Vaccination strategies incorporating the immunodominant HLA-A2-restricted HER2/neu-derived peptide 369-377 (HER2369-377) are increasingly utilized in HER2/neu-expressing cancer patients. The failure of postvaccination HER2369-377-specific CD8(+) T cells to recognize HLA-A2(pos)HER2/neu-expressing cells in vitro, however, has been attributed to impaired MHC class I/HLA-A2 presentation observed in HER2/neu-overexpressing tumors.
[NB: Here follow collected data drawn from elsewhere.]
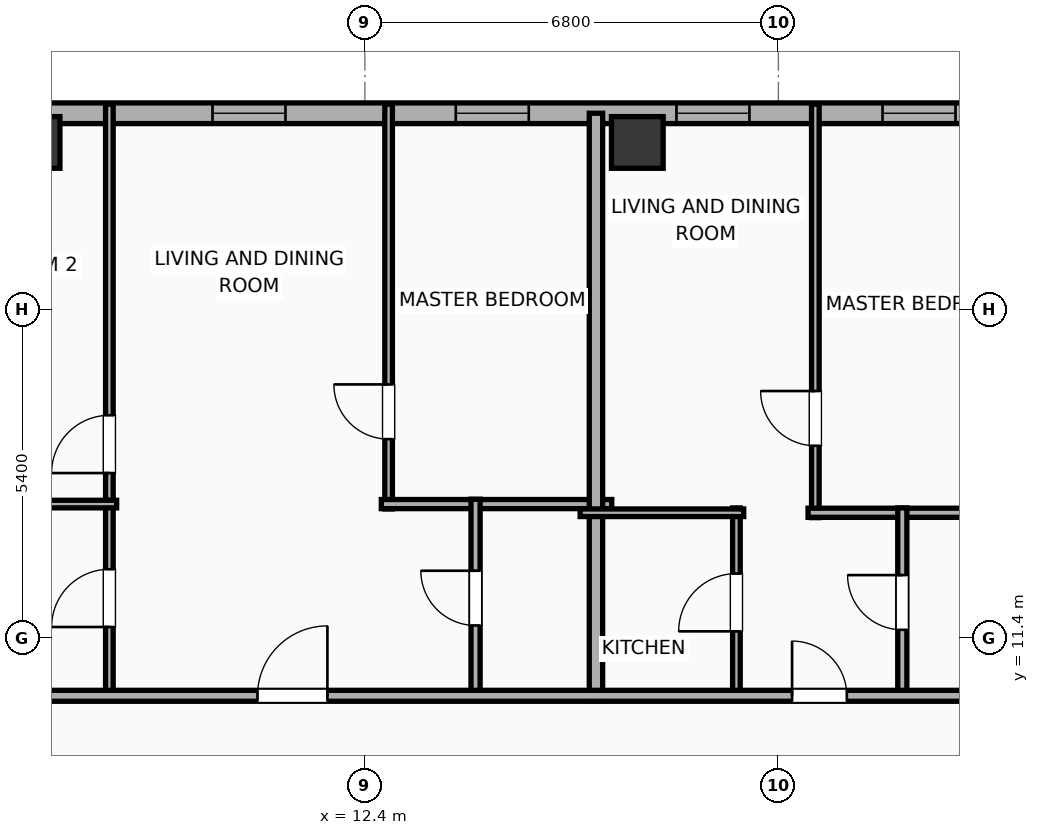
"""IFC4 building model, lengths in metres.
Left out: names, types, materials, properties, quantities, classifications, styles, units other than length and angle.
Written with IfcOpenShell. Run it as: python <this file> out.ifc"""

import sys

from ifc_helpers import new_model, si_unit, direction, frame, frame_2d, origin, origin_2d, place, context, subcontext, project, spatial, rectangle, hollow_rectangle, extrude, element, fill, save


model = new_model("IFC4")
c1 = context("Model", 3, precision=1e-05, world=origin(), true_north=direction((0.0, 1.0)))
c2 = subcontext(c1, "Body", "Model", "MODEL_VIEW")
j1 = project(units=[si_unit("LENGTHUNIT", "METRE"), si_unit("PLANEANGLEUNIT", "RADIAN")], contexts=[c1])
p1 = place(None, origin())
s1 = spatial("IfcSite", under=j1, at=p1, CompositionType="ELEMENT")
p2 = place(p1, origin())
s2 = spatial("IfcBuilding", under=s1, at=p2, CompositionType="ELEMENT")
p3 = place(p2, frame((0.0, 0.0, 239.2)))
s3 = spatial("IfcBuildingStorey", under=s2, at=p3, CompositionType="ELEMENT", Elevation=239.2)
for number, where, z_axis, x_axis in (
    (1, (16.88, 19.55, 0.0), (0.0, 0.0, 1.0), (1.0, 0.0, 0.0)),
    (2, (6.96, 19.55, 0.0), (0.0, 0.0, 1.0), (1.0, 0.0, 0.0)),
):
    element("IfcColumn", number, at=place(p3, frame(where, z_axis=z_axis, x_axis=x_axis)), inside=s3, PredefinedType="COLUMN", context=c2, shape_type="SweptSolid", body=[
        extrude(hollow_rectangle(XDim=0.85, YDim=0.85, WallThickness=0.028, at=origin_2d()), origin(), (0.0, 0.0, 1.0), 3.9),
    ])
p4 = place(p3, frame((-22.783, 20.03, 0.0), z_axis=(0.0, 0.0, 1.0), x_axis=(1.0, 0.0, 0.0)))
e3 = element("IfcWall", 3, at=p4, inside=s3, PredefinedType="ELEMENTEDWALL", context=c2, shape_type="SweptSolid", body=[
    extrude(rectangle(XDim=49.566, YDim=0.34, at=frame_2d((24.783, 0.0))), origin(), (0.0, 0.0, 1.0), 3.65),
])
p5 = place(p4, frame((6.211, 0.0, 0.75)))
e4 = element("IfcOpeningElement", 4, at=p5, cuts=e3, PredefinedType="OPENING", context=c2, shape_type="SweptSolid", body=[
    extrude(rectangle(XDim=2.4, YDim=2.1, at=frame_2d((1.2, 1.05))), frame((0.0, 0.18, 0.0), z_axis=(0.0, -1.0, 0.0), x_axis=(1.0, 0.0, 0.0)), (0.0, 0.0, 1.0), 0.36),
])
p6 = place(p4, frame((22.733, 0.0, 0.75)))
e5 = element("IfcOpeningElement", 5, at=p6, cuts=e3, PredefinedType="OPENING", context=c2, shape_type="SweptSolid", body=[
    extrude(rectangle(XDim=2.4, YDim=2.1, at=frame_2d((1.2, 1.05))), frame((0.0, 0.18, 0.0), z_axis=(0.0, -1.0, 0.0), x_axis=(1.0, 0.0, 0.0)), (0.0, 0.0, 1.0), 0.36),
])
p7 = place(p4, frame((1.132, 0.0, 0.75)))
e6 = element("IfcOpeningElement", 6, at=p7, cuts=e3, PredefinedType="OPENING", context=c2, shape_type="SweptSolid", body=[
    extrude(rectangle(XDim=1.2, YDim=2.05, at=frame_2d((0.6, 1.025))), frame((0.0, 0.18, 0.0), z_axis=(0.0, -1.0, 0.0), x_axis=(1.0, 0.0, 0.0)), (0.0, 0.0, 1.0), 0.36),
])
p8 = place(p4, frame((3.678, 0.0, 0.75)))
e7 = element("IfcOpeningElement", 7, at=p8, cuts=e3, PredefinedType="OPENING", context=c2, shape_type="SweptSolid", body=[
    extrude(rectangle(XDim=1.2, YDim=2.05, at=frame_2d((0.6, 1.025))), frame((0.0, 0.18, 0.0), z_axis=(0.0, -1.0, 0.0), x_axis=(1.0, 0.0, 0.0)), (0.0, 0.0, 1.0), 0.36),
])
p9 = place(p4, frame((14.804, 0.0, 0.75)))
e8 = element("IfcOpeningElement", 8, at=p9, cuts=e3, PredefinedType="OPENING", context=c2, shape_type="SweptSolid", body=[
    extrude(rectangle(XDim=1.2, YDim=2.05, at=frame_2d((0.6, 1.025))), frame((0.0, 0.18, 0.0), z_axis=(0.0, -1.0, 0.0), x_axis=(1.0, 0.0, 0.0)), (0.0, 0.0, 1.0), 0.36),
])
p10 = place(p4, frame((12.054, 0.0, 0.75)))
e9 = element("IfcOpeningElement", 9, at=p10, cuts=e3, PredefinedType="OPENING", context=c2, shape_type="SweptSolid", body=[
    extrude(rectangle(XDim=1.2, YDim=2.05, at=frame_2d((0.6, 1.025))), frame((0.0, 0.18, 0.0), z_axis=(0.0, -1.0, 0.0), x_axis=(1.0, 0.0, 0.0)), (0.0, 0.0, 1.0), 0.36),
])
p11 = place(p4, frame((17.933, 0.0, 0.75)))
e10 = element("IfcOpeningElement", 10, at=p11, cuts=e3, PredefinedType="OPENING", context=c2, shape_type="SweptSolid", body=[
    extrude(rectangle(XDim=1.2, YDim=2.05, at=frame_2d((0.6, 1.025))), frame((0.0, 0.18, 0.0), z_axis=(0.0, -1.0, 0.0), x_axis=(1.0, 0.0, 0.0)), (0.0, 0.0, 1.0), 0.36),
])
p12 = place(p4, frame((26.278, 0.0, 0.75)))
e11 = element("IfcOpeningElement", 11, at=p12, cuts=e3, PredefinedType="OPENING", context=c2, shape_type="SweptSolid", body=[
    extrude(rectangle(XDim=1.2, YDim=2.05, at=frame_2d((0.6, 1.025))), frame((0.0, 0.18, 0.0), z_axis=(0.0, -1.0, 0.0), x_axis=(1.0, 0.0, 0.0)), (0.0, 0.0, 1.0), 0.36),
])
p13 = place(p4, frame((32.677, 0.0, 0.75)))
e12 = element("IfcOpeningElement", 12, at=p13, cuts=e3, PredefinedType="OPENING", context=c2, shape_type="SweptSolid", body=[
    extrude(rectangle(XDim=1.2, YDim=2.05, at=frame_2d((0.6, 1.025))), frame((0.0, 0.18, 0.0), z_axis=(0.0, -1.0, 0.0), x_axis=(1.0, 0.0, 0.0)), (0.0, 0.0, 1.0), 0.36),
])
p14 = place(p4, frame((28.217, 0.0, 0.75)))
e13 = element("IfcOpeningElement", 13, at=p14, cuts=e3, PredefinedType="OPENING", context=c2, shape_type="SweptSolid", body=[
    extrude(rectangle(XDim=0.85, YDim=2.05, at=frame_2d((0.425, 1.025))), frame((0.0, 0.18, 0.0), z_axis=(0.0, -1.0, 0.0), x_axis=(1.0, 0.0, 0.0)), (0.0, 0.0, 1.0), 0.36),
])
p15 = place(p4, frame((36.678, 0.0, 0.75)))
e14 = element("IfcOpeningElement", 14, at=p15, cuts=e3, PredefinedType="OPENING", context=c2, shape_type="SweptSolid", body=[
    extrude(rectangle(XDim=1.2, YDim=2.05, at=frame_2d((0.6, 1.025))), frame((0.0, 0.18, 0.0), z_axis=(0.0, -1.0, 0.0), x_axis=(1.0, 0.0, 0.0)), (0.0, 0.0, 1.0), 0.36),
])
p16 = place(p4, frame((40.307, 0.0, 0.75)))
e15 = element("IfcOpeningElement", 15, at=p16, cuts=e3, PredefinedType="OPENING", context=c2, shape_type="SweptSolid", body=[
    extrude(rectangle(XDim=1.2, YDim=2.05, at=frame_2d((0.6, 1.025))), frame((0.0, 0.18, 0.0), z_axis=(0.0, -1.0, 0.0), x_axis=(1.0, 0.0, 0.0)), (0.0, 0.0, 1.0), 0.36),
])
p17 = place(p4, frame((43.696, 0.0, 0.75)))
e16 = element("IfcOpeningElement", 16, at=p17, cuts=e3, PredefinedType="OPENING", context=c2, shape_type="SweptSolid", body=[
    extrude(rectangle(XDim=1.2, YDim=2.05, at=frame_2d((0.6, 1.025))), frame((0.0, 0.18, 0.0), z_axis=(0.0, -1.0, 0.0), x_axis=(1.0, 0.0, 0.0)), (0.0, 0.0, 1.0), 0.36),
])
p18 = place(p4, frame((46.739, 0.0, 0.75)))
e17 = element("IfcOpeningElement", 17, at=p18, cuts=e3, PredefinedType="OPENING", context=c2, shape_type="SweptSolid", body=[
    extrude(rectangle(XDim=1.2, YDim=2.05, at=frame_2d((0.6, 1.025))), frame((0.0, 0.18, 0.0), z_axis=(0.0, -1.0, 0.0), x_axis=(1.0, 0.0, 0.0)), (0.0, 0.0, 1.0), 0.36),
])
p19 = place(p3, frame((8.198, 13.541, 0.0), z_axis=(0.0, 0.0, 1.0), x_axis=(0.0, 1.0, 0.0)))
e18 = element("IfcWall", 18, at=p19, inside=s3, PredefinedType="PARTITIONING", context=c2, shape_type="SweptSolid", body=[
    extrude(rectangle(XDim=6.639, YDim=0.125, at=frame_2d((3.32, 0.0))), origin(), (0.0, 0.0, 1.0), 3.65),
])
p20 = place(p19, frame((0.573, 0.0, 0.0)))
e19 = element("IfcOpeningElement", 19, at=p20, cuts=e18, PredefinedType="OPENING", context=c2, shape_type="SweptSolid", body=[
    extrude(rectangle(XDim=0.95, YDim=2.05, at=frame_2d((0.475, 1.025))), frame((0.0, 0.073, 0.0), z_axis=(0.0, -1.0, 0.0), x_axis=(1.0, 0.0, 0.0)), (0.0, 0.0, 1.0), 0.145),
])
p21 = place(p3, frame((12.79, 13.523, 0.0), z_axis=(0.0, 0.0, 1.0), x_axis=(0.0, 1.0, 0.0)))
e20 = element("IfcWall", 20, at=p21, inside=s3, PredefinedType="PARTITIONING", context=c2, shape_type="SweptSolid", body=[
    extrude(rectangle(XDim=6.657, YDim=0.125, at=frame_2d((3.329, 0.0))), origin(), (0.0, 0.0, 1.0), 3.65),
])
p22 = place(p21, frame((1.148, 0.0, 0.0)))
e21 = element("IfcOpeningElement", 21, at=p22, cuts=e20, PredefinedType="OPENING", context=c2, shape_type="SweptSolid", body=[
    extrude(rectangle(XDim=0.9, YDim=2.05, at=frame_2d((0.45, 1.025))), frame((0.0, 0.073, 0.0), z_axis=(0.0, -1.0, 0.0), x_axis=(1.0, 0.0, 0.0)), (0.0, 0.0, 1.0), 0.145),
])
p23 = place(p3, frame((12.67, 13.603, 0.0), z_axis=(0.0, 0.0, 1.0), x_axis=(1.0, 0.0, 0.0)))
e22 = element("IfcWall", 22, at=p23, inside=s3, PredefinedType="PLUMBINGWALL", context=c2, shape_type="SweptSolid", body=[
    extrude(rectangle(XDim=3.79, YDim=0.15, at=frame_2d((1.895, 0.0))), origin(), (0.0, 0.0, 1.0), 3.65),
])
p24 = place(p3, frame((8.198, 10.43, 0.0), z_axis=(0.0, 0.0, 1.0), x_axis=(0.0, 1.0, 0.0)))
e23 = element("IfcWall", 23, at=p24, inside=s3, PredefinedType="PARTITIONING", context=c2, shape_type="SweptSolid", body=[
    extrude(rectangle(XDim=3.236, YDim=0.125, at=frame_2d((1.618, 0.0))), origin(), (0.0, 0.0, 1.0), 3.65),
])
p25 = place(p24, frame((1.152, 0.0, 0.0)))
e24 = element("IfcOpeningElement", 24, at=p25, cuts=e23, PredefinedType="OPENING", context=c2, shape_type="SweptSolid", body=[
    extrude(rectangle(XDim=0.95, YDim=2.05, at=frame_2d((0.475, 1.025))), frame((0.0, 0.073, 0.0), z_axis=(0.0, -1.0, 0.0), x_axis=(1.0, 0.0, 0.0)), (0.0, 0.0, 1.0), 0.145),
])
p26 = place(p3, frame((4.94, 13.603, 0.0), z_axis=(0.0, 0.0, 1.0), x_axis=(1.0, 0.0, 0.0)))
e25 = element("IfcWall", 25, at=p26, inside=s3, PredefinedType="PARTITIONING", context=c2, shape_type="SweptSolid", body=[
    extrude(rectangle(XDim=3.378, YDim=0.125, at=frame_2d((1.689, 0.0))), origin(), (0.0, 0.0, 1.0), 3.65),
])
p27 = place(p3, frame((14.22, 10.43, 0.0), z_axis=(0.0, 0.0, 1.0), x_axis=(0.0, 1.0, 0.0)))
e26 = element("IfcWall", 26, at=p27, inside=s3, PredefinedType="PLUMBINGWALL", context=c2, shape_type="SweptSolid", body=[
    extrude(rectangle(XDim=3.253, YDim=0.15, at=frame_2d((1.626, 0.0))), origin(), (0.0, 0.0, 1.0), 3.65),
])
p28 = place(p27, frame((1.177, 0.0, 0.0)))
e27 = element("IfcOpeningElement", 27, at=p28, cuts=e26, PredefinedType="OPENING", context=c2, shape_type="SweptSolid", body=[
    extrude(rectangle(XDim=0.9, YDim=2.05, at=frame_2d((0.45, 1.025))), frame((0.0, 0.085, 0.0), z_axis=(0.0, -1.0, 0.0), x_axis=(1.0, 0.0, 0.0)), (0.0, 0.0, 1.0), 0.17),
])
p29 = place(p3, frame((16.2, 10.37, 0.0), z_axis=(0.0, 0.0, 1.0), x_axis=(0.0, 1.0, 0.0)))
e28 = element("IfcWall", 28, at=p29, inside=s3, PredefinedType="PARTITIONING", context=c2, shape_type="SweptSolid", body=[
    extrude(rectangle(XDim=9.66, YDim=0.22, at=frame_2d((4.83, 0.0))), origin(), (0.0, 0.0, 1.0), 3.09),
])
p30 = place(p3, frame((19.808, 13.38, 0.0), z_axis=(0.0, 0.0, 1.0), x_axis=(0.0, 1.0, 0.0)))
e29 = element("IfcWall", 29, at=p30, inside=s3, PredefinedType="PARTITIONING", context=c2, shape_type="SweptSolid", body=[
    extrude(rectangle(XDim=6.8, YDim=0.125, at=frame_2d((3.4, 0.0))), origin(), (0.0, 0.0, 1.0), 3.65),
])
p31 = place(p30, frame((1.182, 0.0, 0.0)))
e30 = element("IfcOpeningElement", 30, at=p31, cuts=e29, PredefinedType="OPENING", context=c2, shape_type="SweptSolid", body=[
    extrude(rectangle(XDim=0.9, YDim=2.05, at=frame_2d((0.45, 1.025))), frame((0.0, 0.073, 0.0), z_axis=(0.0, -1.0, 0.0), x_axis=(1.0, 0.0, 0.0)), (0.0, 0.0, 1.0), 0.145),
])
p32 = place(p3, frame((19.688, 13.46, 0.0), z_axis=(0.0, 0.0, 1.0), x_axis=(1.0, 0.0, 0.0)))
e31 = element("IfcWall", 31, at=p32, inside=s3, PredefinedType="PLUMBINGWALL", context=c2, shape_type="SweptSolid", body=[
    extrude(rectangle(XDim=3.79, YDim=0.15, at=frame_2d((1.895, 0.0))), origin(), (0.0, 0.0, 1.0), 3.65),
])
p33 = place(p3, frame((18.51, 10.43, 0.0), z_axis=(0.0, 0.0, 1.0), x_axis=(0.0, 1.0, 0.0)))
e32 = element("IfcWall", 32, at=p33, inside=s3, PredefinedType="PARTITIONING", context=c2, shape_type="SweptSolid", body=[
    extrude(rectangle(XDim=3.11, YDim=0.125, at=frame_2d((1.555, 0.0))), origin(), (0.0, 0.0, 1.0), 3.65),
])
p34 = place(p33, frame((1.08, 0.0, 0.0)))
e33 = element("IfcOpeningElement", 33, at=p34, cuts=e32, PredefinedType="OPENING", context=c2, shape_type="SweptSolid", body=[
    extrude(rectangle(XDim=0.95, YDim=2.05, at=frame_2d((0.475, 1.025))), frame((0.0, 0.073, 0.0), z_axis=(0.0, -1.0, 0.0), x_axis=(1.0, 0.0, 0.0)), (0.0, 0.0, 1.0), 0.145),
])
p35 = place(p3, frame((15.94, 13.46, 0.0), z_axis=(0.0, 0.0, 1.0), x_axis=(1.0, 0.0, 0.0)))
e34 = element("IfcWall", 34, at=p35, inside=s3, PredefinedType="PARTITIONING", context=c2, shape_type="SweptSolid", body=[
    extrude(rectangle(XDim=2.69, YDim=0.125, at=frame_2d((1.345, 0.0))), origin(), (0.0, 0.0, 1.0), 3.65),
])
p36 = place(p3, frame((21.238, 10.43, 0.0), z_axis=(0.0, 0.0, 1.0), x_axis=(0.0, 1.0, 0.0)))
e35 = element("IfcWall", 35, at=p36, inside=s3, PredefinedType="PLUMBINGWALL", context=c2, shape_type="SweptSolid", body=[
    extrude(rectangle(XDim=3.11, YDim=0.15, at=frame_2d((1.555, 0.0))), origin(), (0.0, 0.0, 1.0), 3.65),
])
p37 = place(p36, frame((1.105, 0.0, 0.0)))
e36 = element("IfcOpeningElement", 36, at=p37, cuts=e35, PredefinedType="OPENING", context=c2, shape_type="SweptSolid", body=[
    extrude(rectangle(XDim=0.9, YDim=2.05, at=frame_2d((0.45, 1.025))), frame((0.0, 0.085, 0.0), z_axis=(0.0, -1.0, 0.0), x_axis=(1.0, 0.0, 0.0)), (0.0, 0.0, 1.0), 0.17),
])
p38 = place(p3, frame((-26.23, 10.45, 0.0), z_axis=(0.0, 0.0, 1.0), x_axis=(1.0, 0.0, 0.0)))
e37 = element("IfcWall", 37, at=p38, inside=s3, PredefinedType="PARTITIONING", context=c2, shape_type="SweptSolid", body=[
    extrude(rectangle(XDim=56.46, YDim=0.18, at=frame_2d((28.23, 0.0))), origin(), (0.0, 0.0, 1.0), 3.65),
])
p39 = place(p38, frame((4.41, 0.0, 0.0)))
e38 = element("IfcOpeningElement", 38, at=p39, cuts=e37, PredefinedType="OPENING", context=c2, shape_type="SweptSolid", body=[
    extrude(rectangle(XDim=1.15, YDim=2.05, at=frame_2d((0.575, 1.025))), frame((0.0, 0.1, 0.0), z_axis=(0.0, -1.0, 0.0), x_axis=(1.0, 0.0, 0.0)), (0.0, 0.0, 1.0), 0.2),
])
p40 = place(p38, frame((11.943, 0.0, 0.0)))
e39 = element("IfcOpeningElement", 39, at=p40, cuts=e37, PredefinedType="OPENING", context=c2, shape_type="SweptSolid", body=[
    extrude(rectangle(XDim=0.9, YDim=2.05, at=frame_2d((0.45, 1.025))), frame((0.0, 0.1, 0.0), z_axis=(0.0, -1.0, 0.0), x_axis=(1.0, 0.0, 0.0)), (0.0, 0.0, 1.0), 0.2),
])
p41 = place(p38, frame((18.243, 0.0, 0.0)))
e40 = element("IfcOpeningElement", 40, at=p41, cuts=e37, PredefinedType="OPENING", context=c2, shape_type="SweptSolid", body=[
    extrude(rectangle(XDim=1.15, YDim=2.05, at=frame_2d((0.575, 1.025))), frame((0.0, 0.1, 0.0), z_axis=(0.0, -1.0, 0.0), x_axis=(1.0, 0.0, 0.0)), (0.0, 0.0, 1.0), 0.2),
])
p42 = place(p38, frame((22.941, 0.0, 0.0)))
e41 = element("IfcOpeningElement", 41, at=p42, cuts=e37, PredefinedType="OPENING", context=c2, shape_type="SweptSolid", body=[
    extrude(rectangle(XDim=0.9, YDim=2.05, at=frame_2d((0.45, 1.025))), frame((0.0, 0.1, 0.0), z_axis=(0.0, -1.0, 0.0), x_axis=(1.0, 0.0, 0.0)), (0.0, 0.0, 1.0), 0.2),
])
p43 = place(p38, frame((27.028, 0.0, 0.0)))
e42 = element("IfcOpeningElement", 42, at=p43, cuts=e37, PredefinedType="OPENING", context=c2, shape_type="SweptSolid", body=[
    extrude(rectangle(XDim=1.15, YDim=2.05, at=frame_2d((0.575, 1.025))), frame((0.0, 0.1, 0.0), z_axis=(0.0, -1.0, 0.0), x_axis=(1.0, 0.0, 0.0)), (0.0, 0.0, 1.0), 0.2),
])
p44 = place(p38, frame((36.864, 0.0, 0.0)))
e43 = element("IfcOpeningElement", 43, at=p44, cuts=e37, PredefinedType="OPENING", context=c2, shape_type="SweptSolid", body=[
    extrude(rectangle(XDim=1.15, YDim=2.05, at=frame_2d((0.575, 1.025))), frame((0.0, 0.1, 0.0), z_axis=(0.0, -1.0, 0.0), x_axis=(1.0, 0.0, 0.0)), (0.0, 0.0, 1.0), 0.2),
])
p45 = place(p38, frame((45.655, 0.0, 0.0)))
e44 = element("IfcOpeningElement", 44, at=p45, cuts=e37, PredefinedType="OPENING", context=c2, shape_type="SweptSolid", body=[
    extrude(rectangle(XDim=0.9, YDim=2.05, at=frame_2d((0.45, 1.025))), frame((0.0, 0.1, 0.0), z_axis=(0.0, -1.0, 0.0), x_axis=(1.0, 0.0, 0.0)), (0.0, 0.0, 1.0), 0.2),
])
p46 = place(p38, frame((52.576, 0.0, 0.0)))
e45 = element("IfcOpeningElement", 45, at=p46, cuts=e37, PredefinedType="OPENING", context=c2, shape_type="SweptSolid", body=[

We reconcile this controversy by demonstrating that HER2369-377 is directly recognized by high functional-avidity HER2369-377-specific CD8(+) T cells-either genetically modified to express a novel HER2369-377 TCR or sensitized using HER2369-377-pulsed type 1-polarized dendritic cells (DC1)-on class I-abundant HER2(low), but not class I-deficient HER2(high), cancer cells. Importantly, a critical cooperation between CD4(+) T-helper type-1 (Th1) cytokines IFNγ/TNFα and HER2/neu-targeted antibody trastuzumab is necessary to restore class I expression in HER2(high) cancers, thereby facilitating recognition and lysis of these cells by HER2369-377-specific CD8(+) T cells. Concomitant induction of PD-L1 on HER2/neu-expressing cells by IFNγ/TNF and trastuzumab, however, has minimal impact on DC1-sensitized HER2369-377-CD8(+) T-cell-mediated cytotoxicity. Although activation of EGFR and HER3 signaling significantly abrogates IFNγ/TNFα and trastuzumab-induced class I restoration, EGFR/HER3 receptor blockade rescues class I expression and ensuing HER2369-377-CD8(+) cytotoxicity of HER2/neu-expressing cells. Thus, combinations of CD4(+) Th1 immune interventions and multivalent targeting of HER family members may be required for optimal anti-HER2/neu CD8(+) T-cell-directed immunotherapy.